The legacy of the military dictatorship and mass-killings has left a scar on Indonesia that has not faded even to this day. When looking at the atrocities that the Indonesian military and paramilitary forces had carried out against their own people, it’s very important to remember that they hadn’t done so alone. Guided by fanatical anticommunism and wealthy interests, the biggest perpetrator was the United States, which had effectively used the Indonesian military to carry out its own dirty work. Not only had the US set the stage by providing the Indonesian military with the training and resources it needed to overthrow the country’s democratically elected government, it had actively encouraged and even directly aided them in carrying out the killings. For example, with the help of CIA analysts, the US embassy political officer Robert Martens had prepared a list of thousands of suspected communists and handed it directly to the army for them to be killed. Martens had even gone on record saying, “I probably have a lot of blood on my hands, but that’s not all bad.” (Bevins ch. 7).

Works Cited

Acharya, Amitav. The end of American world order. 2nd ed., Polity Press, 2018.
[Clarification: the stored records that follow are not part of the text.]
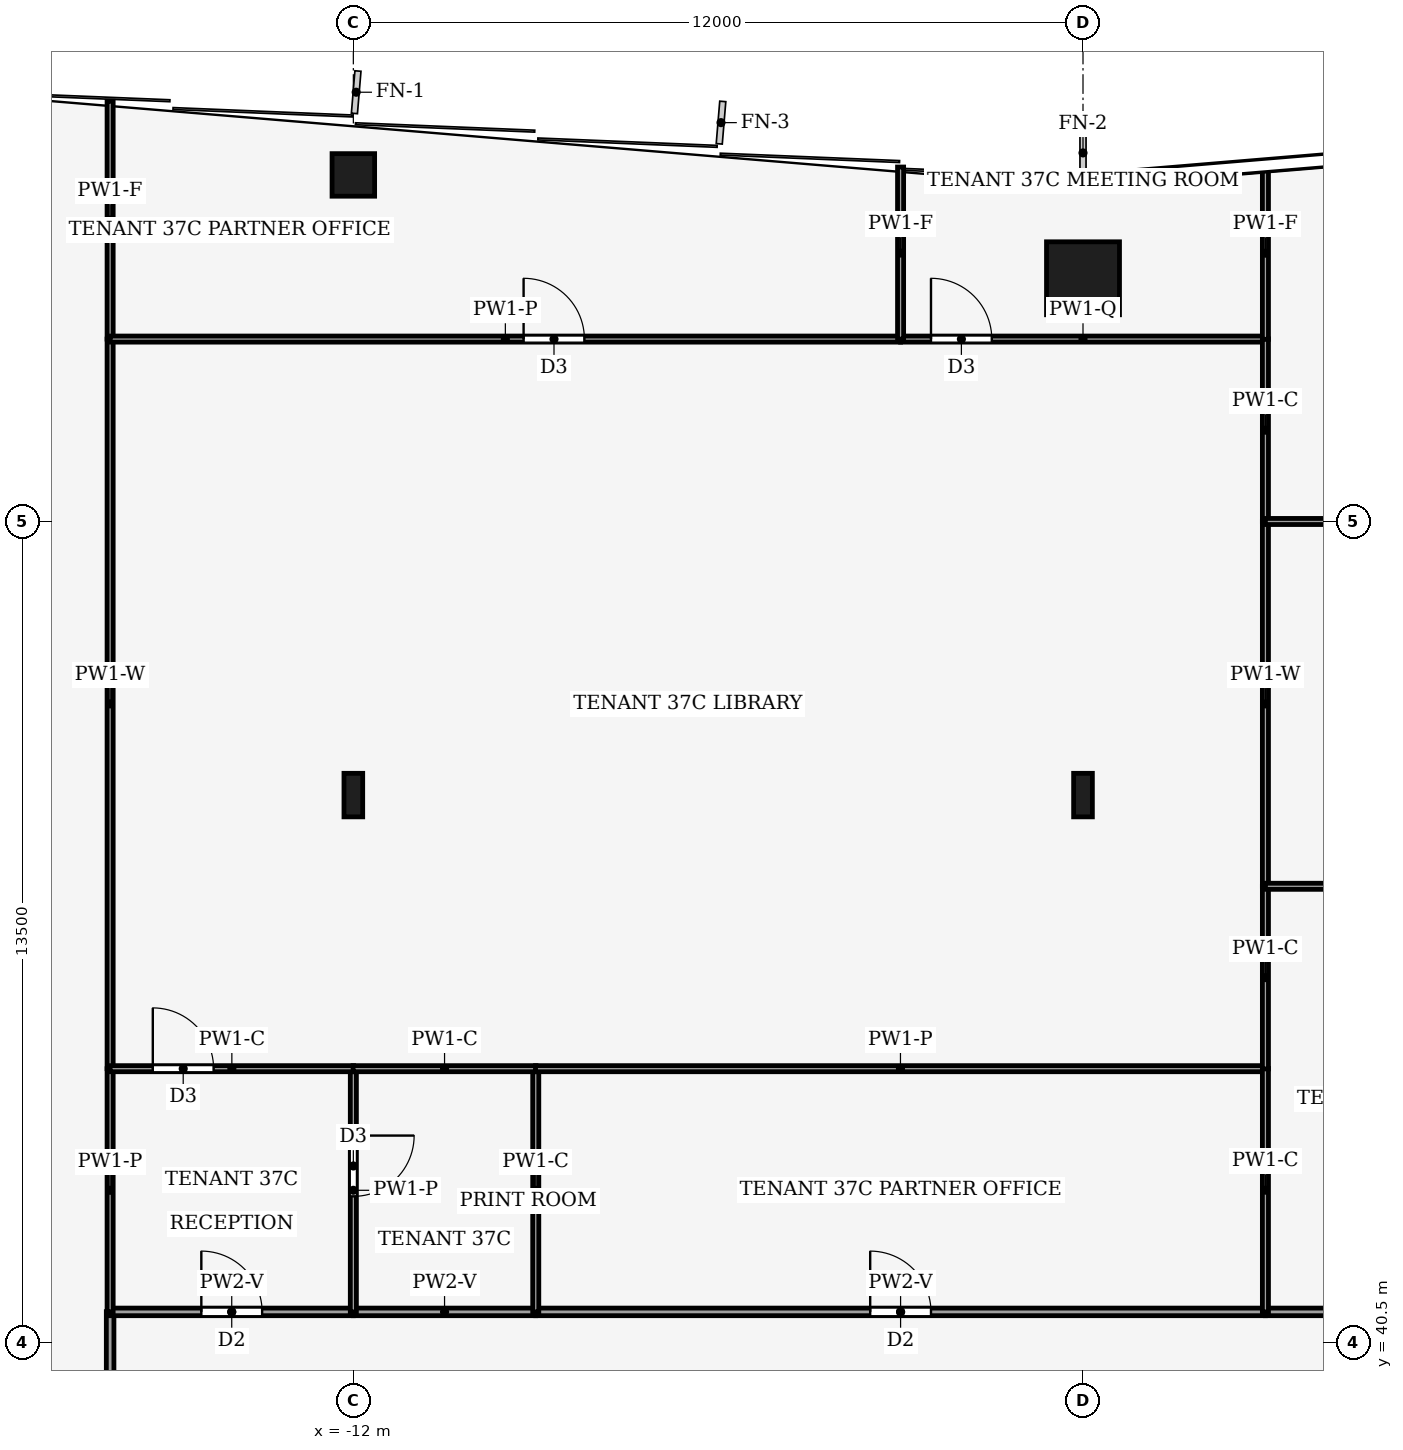
"""IFC4 building model, lengths in metres.
Left out: names, types, materials, properties, quantities, classifications, styles, units other than length and angle.
Written with IfcOpenShell. Run it as: python <this file> out.ifc"""

import sys

from ifc_helpers import new_model, si_unit, direction, frame, frame_2d, origin, origin_2d, place, context, subcontext, project, spatial, rectangle, hollow_rectangle, i_section, extrude, element, fill, save


model = new_model("IFC4")
c1 = context("Model", 3, precision=1e-05, world=origin(), true_north=direction((0.0, 1.0)))
c2 = subcontext(c1, "Body", "Model", "MODEL_VIEW")
j1 = project(units=[si_unit("LENGTHUNIT", "METRE"), si_unit("PLANEANGLEUNIT", "RADIAN")], contexts=[c1])
p1 = place(None, origin())
s1 = spatial("IfcSite", under=j1, at=p1, CompositionType="ELEMENT")
p2 = place(p1, origin())
s2 = spatial("IfcBuilding", under=s1, at=p2, CompositionType="ELEMENT")
p3 = place(p2, frame((0.0, 0.0, 162.0)))
s3 = spatial("IfcBuildingStorey", under=s2, at=p3, CompositionType="ELEMENT", Elevation=162.0)
p4 = place(p3, frame((0.0, 58.0, 0.0), z_axis=(0.0, 0.0, 1.0), x_axis=(1.0, 0.0, 0.0)))
e1 = element("IfcColumn", 1, at=p4, inside=s3, PredefinedType="COLUMN", context=c2, shape_type="SweptSolid", body=[
    extrude(hollow_rectangle(XDim=1.2, YDim=1.2, WallThickness=0.07, at=origin_2d()), origin(), (0.0, 0.0, 1.0), 4.0),
])
p5 = place(p3, frame((-12.0, 59.7, 0.0), z_axis=(0.0, 0.0, 1.0), x_axis=(1.0, 0.0, 0.0)))
e2 = element("IfcColumn", 2, at=p5, inside=s3, PredefinedType="COLUMN", context=c2, shape_type="SweptSolid", body=[
    extrude(hollow_rectangle(XDim=0.7, YDim=0.7, WallThickness=0.03, at=origin_2d()), origin(), (0.0, 0.0, 1.0), 4.0),
])
for number, where, z_axis, x_axis in (
    (3, (-12.0, 49.5, 0.0), (0.0, 0.0, 1.0), (1.0, 0.0, 0.0)),
    (4, (0.0, 49.5, 0.0), (0.0, 0.0, 1.0), (1.0, 0.0, 0.0)),
):
    element("IfcColumn", number, at=place(p3, frame(where, z_axis=z_axis, x_axis=x_axis)), inside=s3, PredefinedType="COLUMN", context=c2, shape_type="SweptSolid", body=[
        extrude(i_section(OverallWidth=0.308, OverallDepth=0.716, WebThickness=0.021, FlangeThickness=0.04, FilletRadius=0.027, at=origin_2d()), origin(), (0.0, 0.0, 1.0), 4.0),
    ])
p6 = place(p3, frame((-16.0, 36.0, 0.0), z_axis=(0.0, 0.0, 1.0), x_axis=(0.0, 1.0, 0.0)))
e5 = element("IfcWall", 5, at=p6, inside=s3, PredefinedType="PARTITIONING", context=c2, shape_type="SweptSolid", body=[
    extrude(rectangle(XDim=5.004, YDim=0.125, at=frame_2d((2.502, 0.0))), origin(), (0.0, 0.0, 1.0), 3.14),
])
p7 = place(p6, frame((2.002, 0.0, 0.0)))
e6 = element("IfcOpeningElement", 6, at=p7, cuts=e5, PredefinedType="OPENING", context=c2, shape_type="SweptSolid", body=[
    extrude(rectangle(XDim=1.0, YDim=2.1, at=frame_2d((0.5, 1.05))), frame((0.0, 0.073, 0.0), z_axis=(0.0, -1.0, 0.0), x_axis=(1.0, 0.0, 0.0)), (0.0, 0.0, 1.0), 0.145),
])
p8 = place(p3, frame((-16.0, 41.0, 0.0), z_axis=(0.0, 0.0, 1.0), x_axis=(1.0, 0.0, 0.0)))
e7 = element("IfcWall", 7, at=p8, inside=s3, PredefinedType="PARTITIONING", context=c2, shape_type="SweptSolid", body=[
    extrude(rectangle(XDim=4.0, YDim=0.125, at=frame_2d((2.0, 0.0))), origin(), (0.0, 0.0, 1.0), 3.44),
])
p9 = place(p8, frame((1.5, 0.0, 0.0)))
e8 = element("IfcOpeningElement", 8, at=p9, cuts=e7, PredefinedType="OPENING", context=c2, shape_type="SweptSolid", body=[
    extrude(rectangle(XDim=1.0, YDim=2.1, at=frame_2d((0.5, 1.05))), frame((0.0, 0.073, 0.0), z_axis=(0.0, -1.0, 0.0), x_axis=(1.0, 0.0, 0.0)), (0.0, 0.0, 1.0), 0.145),
])
p10 = place(p3, frame((-9.0, 41.0, 0.0), z_axis=(0.0, 0.0, 1.0), x_axis=(-1.0, 0.0, 0.0)))
e9 = element("IfcWall", 9, at=p10, inside=s3, PredefinedType="PARTITIONING", context=c2, shape_type="SweptSolid", body=[
    extrude(rectangle(XDim=3.0, YDim=0.125, at=frame_2d((1.5, 0.0))), origin(), (0.0, 0.0, 1.0), 3.44),
])
p11 = place(p3, frame((-9.0, 41.0, 0.0), z_axis=(0.0, 0.0, 1.0), x_axis=(1.0, 0.0, 0.0)))
e10 = element("IfcWall", 10, at=p11, inside=s3, PredefinedType="PARTITIONING", context=c2, shape_type="SweptSolid", body=[
    extrude(rectangle(XDim=12.0, YDim=0.125, at=frame_2d((6.0, 0.0))), origin(), (0.0, 0.0, 1.0), 3.44),
])
p12 = place(p11, frame((5.5, 0.0, 0.0)))
e11 = element("IfcOpeningElement", 11, at=p12, cuts=e10, PredefinedType="OPENING", context=c2, shape_type="SweptSolid", body=[
    extrude(rectangle(XDim=1.0, YDim=2.1, at=frame_2d((0.5, 1.05))), frame((0.0, 0.073, 0.0), z_axis=(0.0, -1.0, 0.0), x_axis=(1.0, 0.0, 0.0)), (0.0, 0.0, 1.0), 0.145),
])
p13 = place(p3, frame((3.0, 41.0, 0.0), z_axis=(0.0, 0.0, 1.0), x_axis=(1.0, 0.0, 0.0)))
e12 = element("IfcWall", 12, at=p13, inside=s3, PredefinedType="PARTITIONING", context=c2, shape_type="SweptSolid", body=[
    extrude(rectangle(XDim=6.0, YDim=0.125, at=frame_2d((3.0, 0.0))), origin(), (0.0, 0.0, 1.0), 3.44),
])
p14 = place(p13, frame((2.5, 0.0, 0.0)))
e13 = element("IfcOpeningElement", 13, at=p14, cuts=e12, PredefinedType="OPENING", context=c2, shape_type="SweptSolid", body=[
    extrude(rectangle(XDim=1.0, YDim=2.1, at=frame_2d((0.5, 1.05))), frame((0.0, 0.073, 0.0), z_axis=(0.0, -1.0, 0.0), x_axis=(1.0, 0.0, 0.0)), (0.0, 0.0, 1.0), 0.145),
])
p15 = place(p3, frame((-16.0, 41.0, 0.0), z_axis=(0.0, 0.0, 1.0), x_axis=(0.0, 1.0, 0.0)))
e14 = element("IfcWall", 14, at=p15, inside=s3, PredefinedType="PARTITIONING", context=c2, shape_type="SweptSolid", body=[
    extrude(rectangle(XDim=4.0, YDim=0.1, at=frame_2d((2.0, 0.0))), origin(), (0.0, 0.0, 1.0), 3.44),
])
p16 = place(p3, frame((-16.0, 45.0, 0.0), z_axis=(0.0, 0.0, 1.0), x_axis=(0.0, 1.0, 0.0)))
e15 = element("IfcWall", 15, at=p16, inside=s3, PredefinedType="PARTITIONING", context=c2, shape_type="SweptSolid", body=[
    extrude(rectangle(XDim=12.0, YDim=0.1, at=frame_2d((6.0, 0.0))), origin(), (0.0, 0.0, 1.0), 3.24),
])
p17 = place(p3, frame((-16.0, 57.0, 0.0), z_axis=(0.0, 0.0, 1.0), x_axis=(0.0, 1.0, 0.0)))
e16 = element("IfcWall", 16, at=p17, inside=s3, PredefinedType="PARTITIONING", context=c2, shape_type="SweptSolid", body=[
    extrude(rectangle(XDim=3.913, YDim=0.1, at=frame_2d((1.957, 0.0))), origin(), (0.0, 0.0, 1.0), 3.04),
])
p18 = place(p3, frame((-12.0, 45.0, 0.0), z_axis=(0.0, 0.0, 1.0), x_axis=(0.0, -1.0, 0.0)))
e17 = element("IfcWall", 17, at=p18, inside=s3, PredefinedType="PARTITIONING", context=c2, shape_type="SweptSolid", body=[
    extrude(rectangle(XDim=4.0, YDim=0.1, at=frame_2d((2.0, 0.0))), origin(), (0.0, 0.0, 1.0), 3.44),
])
p19 = place(p18, frame((1.1, 0.0, 0.0)))
e18 = element("IfcOpeningElement", 18, at=p19, cuts=e17, PredefinedType="OPENING", context=c2, shape_type="SweptSolid", body=[
    extrude(rectangle(XDim=1.0, YDim=2.1, at=frame_2d((0.5, 1.05))), frame((0.0, 0.06, 0.0), z_axis=(0.0, -1.0, 0.0), x_axis=(1.0, 0.0, 0.0)), (0.0, 0.0, 1.0), 0.12),
])
p20 = place(p3, frame((-16.0, 45.0, 0.0), z_axis=(0.0, 0.0, 1.0), x_axis=(1.0, 0.0, 0.0)))
e19 = element("IfcWall", 19, at=p20, inside=s3, PredefinedType="PARTITIONING", context=c2, shape_type="SweptSolid", body=[
    extrude(rectangle(XDim=4.004, YDim=0.1, at=frame_2d((2.002, 0.0))), origin(), (0.0, 0.0, 1.0), 3.87),
])
p21 = place(p20, frame((0.702, 0.0, 0.0)))
e20 = element("IfcOpeningElement", 20, at=p21, cuts=e19, PredefinedType="OPENING", context=c2, shape_type="SweptSolid", body=[
    extrude(rectangle(XDim=1.0, YDim=2.1, at=frame_2d((0.5, 1.05))), frame((0.0, 0.06, 0.0), z_axis=(0.0, -1.0, 0.0), x_axis=(1.0, 0.0, 0.0)), (0.0, 0.0, 1.0), 0.12),
])
p22 = place(p3, frame((-9.0, 41.0, 0.0), z_axis=(0.0, 0.0, 1.0), x_axis=(0.0, 1.0, 0.0)))
e21 = element("IfcWall", 21, at=p22, inside=s3, PredefinedType="PARTITIONING", context=c2, shape_type="SweptSolid", body=[
    extrude(rectangle(XDim=4.0, YDim=0.1, at=frame_2d((2.0, 0.0))), origin(), (0.0, 0.0, 1.0), 3.87),
])
p23 = place(p3, frame((-8.996, 45.0, 0.0), z_axis=(0.0, 0.0, 1.0), x_axis=(-1.0, 0.0, 0.0)))
e22 = element("IfcWall", 22, at=p23, inside=s3, PredefinedType="PARTITIONING", context=c2, shape_type="SweptSolid", body=[
    extrude(rectangle(XDim=3.008, YDim=0.1, at=frame_2d((1.504, 0.0))), origin(), (0.0, 0.0, 1.0), 3.87),
])
p24 = place(p3, frame((3.0, 45.0, 0.0), z_axis=(0.0, 0.0, 1.0), x_axis=(-1.0, 0.0, 0.0)))
e23 = element("IfcWall", 23, at=p24, inside=s3, PredefinedType="PARTITIONING", context=c2, shape_type="SweptSolid", body=[
    extrude(rectangle(XDim=12.004, YDim=0.1, at=frame_2d((6.002, 0.0))), origin(), (0.0, 0.0, 1.0), 3.44),
])
p25 = place(p3, frame((3.0, 41.0, 0.0), z_axis=(0.0, 0.0, 1.0), x_axis=(0.0, 1.0, 0.0)))
e24 = element("IfcWall", 24, at=p25, inside=s3, PredefinedType="PARTITIONING", context=c2, shape_type="SweptSolid", body=[
    extrude(rectangle(XDim=4.004, YDim=0.1, at=frame_2d((2.002, 0.0))), origin(), (0.0, 0.0, 1.0), 3.87),
])
p26 = place(p3, frame((-16.0, 57.0, 0.0), z_axis=(0.0, 0.0, 1.0), x_axis=(1.0, 0.0, 0.0)))
e25 = element("IfcWall", 25, at=p26, inside=s3, PredefinedType="PARTITIONING", context=c2, shape_type="SweptSolid", body=[
    extrude(rectangle(XDim=13.0, YDim=0.1, at=frame_2d((6.5, 0.0))), origin(), (0.0, 0.0, 1.0), 3.44),
])
p27 = place(p26, frame((6.8, 0.0, 0.0)))
e26 = element("IfcOpeningElement", 26, at=p27, cuts=e25, PredefinedType="OPENING", context=c2, shape_type="SweptSolid", body=[
    extrude(rectangle(XDim=1.0, YDim=2.1, at=frame_2d((0.5, 1.05))), frame((0.0, 0.06, 0.0), z_axis=(0.0, -1.0, 0.0), x_axis=(1.0, 0.0, 0.0)), (0.0, 0.0, 1.0), 0.12),
])
p28 = place(p3, frame((-3.0, 57.0, 0.0), z_axis=(0.0, 0.0, 1.0), x_axis=(1.0, 0.0, 0.0)))
e27 = element("IfcWall", 27, at=p28, inside=s3, PredefinedType="PARTITIONING", context=c2, shape_type="SweptSolid", body=[
    extrude(rectangle(XDim=6.0, YDim=0.1, at=frame_2d((3.0, 0.0))), origin(), (0.0, 0.0, 1.0), 3.48),
])
p29 = place(p28, frame((0.5, 0.0, 0.0)))
e28 = element("IfcOpeningElement", 28, at=p29, cuts=e27, PredefinedType="OPENING", context=c2, shape_type="SweptSolid", body=[
    extrude(rectangle(XDim=1.0, YDim=2.1, at=frame_2d((0.5, 1.05))), frame((0.0, 0.06, 0.0), z_axis=(0.0, -1.0, 0.0), x_axis=(1.0, 0.0, 0.0)), (0.0, 0.0, 1.0), 0.12),
])
p30 = place(p3, frame((3.0, 44.996, 0.0), z_axis=(0.0, 0.0, 1.0), x_axis=(0.0, 1.0, 0.0)))
e29 = element("IfcWall", 29, at=p30, inside=s3, PredefinedType="PARTITIONING", context=c2, shape_type="SweptSolid", body=[
    extrude(rectangle(XDim=3.004, YDim=0.1, at=frame_2d((1.502, 0.0))), origin(), (0.0, 0.0, 1.0), 3.87),
])
p31 = place(p3, frame((3.0, 48.0, 0.0), z_axis=(0.0, 0.0, 1.0), x_axis=(0.0, 1.0, 0.0)))
e30 = element("IfcWall", 30, at=p31, inside=s3, PredefinedType="PARTITIONING", context=c2, shape_type="SweptSolid", body=[
    extrude(rectangle(XDim=6.0, YDim=0.1, at=frame_2d((3.0, 0.0))), origin(), (0.0, 0.0, 1.0), 3.24),
])
p32 = place(p3, frame((3.0, 54.0, 0.0), z_axis=(0.0, 0.0, 1.0), x_axis=(0.0, 1.0, 0.0)))
e31 = element("IfcWall", 31, at=p32, inside=s3, PredefinedType="PARTITIONING", context=c2, shape_type="SweptSolid", body=[
    extrude(rectangle(XDim=3.004, YDim=0.1, at=frame_2d((1.502, 0.0))), origin(), (0.0, 0.0, 1.0), 3.87),
])
p33 = place(p3, frame((-3.0, 57.0, 0.0), z_axis=(0.0, 0.0, 1.0), x_axis=(0.0, 1.0, 0.0)))
e32 = element("IfcWall", 32, at=p33, inside=s3, PredefinedType="PARTITIONING", context=c2, shape_type="SweptSolid", body=[
    extrude(rectangle(XDim=2.83, YDim=0.1, at=frame_2d((1.415, 0.0))), origin(), (0.0, 0.0, 1.0), 3.04),
])
p34 = place(p3, frame((3.0, 56.996, 0.0), z_axis=(0.0, 0.0, 1.0), x_axis=(0.0, 1.0, 0.0)))
e33 = element("IfcWall", 33, at=p34, inside=s3, PredefinedType="PARTITIONING", context=c2, shape_type="SweptSolid", body=[
    extrude(rectangle(XDim=2.834, YDim=0.1, at=frame_2d((1.417, 0.0))), origin(), (0.0, 0.0, 1.0), 3.04),
])
p35 = place(p3, frame((3.0, 48.0, 0.0), z_axis=(0.0, 0.0, 1.0), x_axis=(1.0, 0.0, 0.0)))
e34 = element("IfcWall", 34, at=p35, inside=s3, PredefinedType="PARTITIONING", context=c2, shape_type="SweptSolid", body=[
    extrude(rectangle(XDim=6.004, YDim=0.1, at=frame_2d((3.002, 0.0))), origin(), (0.0, 0.0, 1.0), 3.44),
])
p36 = place(p35, frame((2.502, 0.0, 0.0)))
e35 = element("IfcOpeningElement", 35, at=p36, cuts=e34, PredefinedType="OPENING", context=c2, shape_type="SweptSolid", body=[
    extrude(rectangle(XDim=1.0, YDim=2.1, at=frame_2d((0.5, 1.05))), frame((0.0, 0.06, 0.0), z_axis=(0.0, -1.0, 0.0), x_axis=(1.0, 0.0, 0.0)), (0.0, 0.0, 1.0), 0.12),
])
p37 = place(p3, frame((3.0, 54.0, 0.0), z_axis=(0.0, 0.0, 1.0), x_axis=(1.0, 0.0, 0.0)))
e36 = element("IfcWall", 36, at=p37, inside=s3, PredefinedType="PARTITIONING", context=c2, shape_type="SweptSolid", body=[
    extrude(rectangle(XDim=9.0, YDim=0.1, at=frame_2d((4.5, 0.0))), origin(), (0.0, 0.0, 1.0), 3.44),
])
p38 = place(p37, frame((4.0, 0.0, 0.0)))
e37 = element("IfcOpeningElement", 37, at=p38, cuts=e36, PredefinedType="OPENING", context=c2, shape_type="SweptSolid", body=[
    extrude(rectangle(XDim=1.0, YDim=2.1, at=frame_2d((0.5, 1.05))), frame((0.0, 0.06, 0.0), z_axis=(0.0, -1.0, 0.0), x_axis=(1.0, 0.0, 0.0)), (0.0, 0.0, 1.0), 0.12),
])
p39 = place(p9, origin())
e38 = element("IfcDoor", 38, at=p39, inside=s3, OperationType="SINGLE_SWING_LEFT", PredefinedType="DOOR", context=c2, shape_type="SweptSolid", body=[
    extrude(rectangle(XDim=1.0, YDim=2.1, at=frame_2d((0.5, 1.05))), frame((0.0, 0.025, 0.0), z_axis=(0.0, -1.0, 0.0), x_axis=(1.0, 0.0, 0.0)), (0.0, 0.0, 1.0), 0.05),
])
fill(e8, e38)
p40 = place(p12, origin())
e39 = element("IfcDoor", 39, at=p40, inside=s3, OperationType="SINGLE_SWING_RIGHT", PredefinedType="DOOR", context=c2, shape_type="SweptSolid", body=[
    extrude(rectangle(XDim=1.0, YDim=2.1, at=frame_2d((0.5, 1.05))), frame((0.0, 0.025, 0.0), z_axis=(0.0, -1.0, 0.0), x_axis=(1.0, 0.0, 0.0)), (0.0, 0.0, 1.0), 0.05),
])
fill(e11, e39)
p41 = place(p19, origin())
e40 = element("IfcDoor", 40, at=p41, inside=s3, OperationType="SINGLE_SWING_LEFT", PredefinedType="DOOR", context=c2, shape_type="SweptSolid", body=[
    extrude(rectangle(XDim=1.0, YDim=2.1, at=frame_2d((0.5, 1.05))), frame((0.0, 0.025, 0.0), z_axis=(0.0, -1.0, 0.0), x_axis=(1.0, 0.0, 0.0)), (0.0, 0.0, 1.0), 0.05),
])
fill(e18, e40)
p42 = place(p21, origin())
e41 = element("IfcDoor", 41, at=p42, inside=s3, OperationType="SINGLE_SWING_LEFT", PredefinedType="DOOR", context=c2, shape_type="SweptSolid", body=[
    extrude(rectangle(XDim=1.0, YDim=2.1, at=frame_2d((0.5, 1.05))), frame((0.0, 0.025, 0.0), z_axis=(0.0, -1.0, 0.0), x_axis=(1.0, 0.0, 0.0)), (0.0, 0.0, 1.0), 0.05),
])
fill(e20, e41)
p43 = place(p27, origin())
e42 = element("IfcDoor", 42, at=p43, inside=s3, OperationType="SINGLE_SWING_RIGHT", PredefinedType="DOOR", context=c2, shape_type="SweptSolid", body=[
    extrude(rectangle(XDim=1.0, YDim=2.1, at=frame_2d((0.5, 1.05))), frame((0.0, 0.025, 0.0), z_axis=(0.0, -1.0, 0.0), x_axis=(1.0, 0.0, 0.0)), (0.0, 0.0, 1.0), 0.05),
])
fill(e26, e42)
p44 = place(p29, origin())
e43 = element("IfcDoor", 43, at=p44, inside=s3, OperationType="SINGLE_SWING_LEFT", PredefinedType="DOOR", context=c2, shape_type="SweptSolid", body=[
    extrude(rectangle(XDim=1.0, YDim=2.1, at=frame_2d((0.5, 1.05))), frame((0.0, 0.025, 0.0), z_axis=(0.0, -1.0, 0.0), x_axis=(1.0, 0.0, 0.0)), (0.0, 0.0, 1.0), 0.05),
])
fill(e28, e43)
save(model, sys.argv[1])

Bevins, Vincent. The Jakarta Method : Washington’s Anticommunist Crusade and the Mass Murder Program That Shaped Our World. PublicAffairs, 2020. EBSCOhost, https://search.ebscohost.com/login.aspx?direct=true&db=nlebk&AN=2501939&site=ehost-live.

“Indonesia: US documents released on 1965–66 massacres.” Human Rights Watch, 17 October, 2017, https://www.hrw.org/news/2017/10/18/indonesia-us-documents-released-1965-66-massacres.

The Act of Killing. Directed by Joshua Oppenheimer, co-directed by anonymous and Christine Cynn. Signe Byrge Sørensen, 2012. Hulu.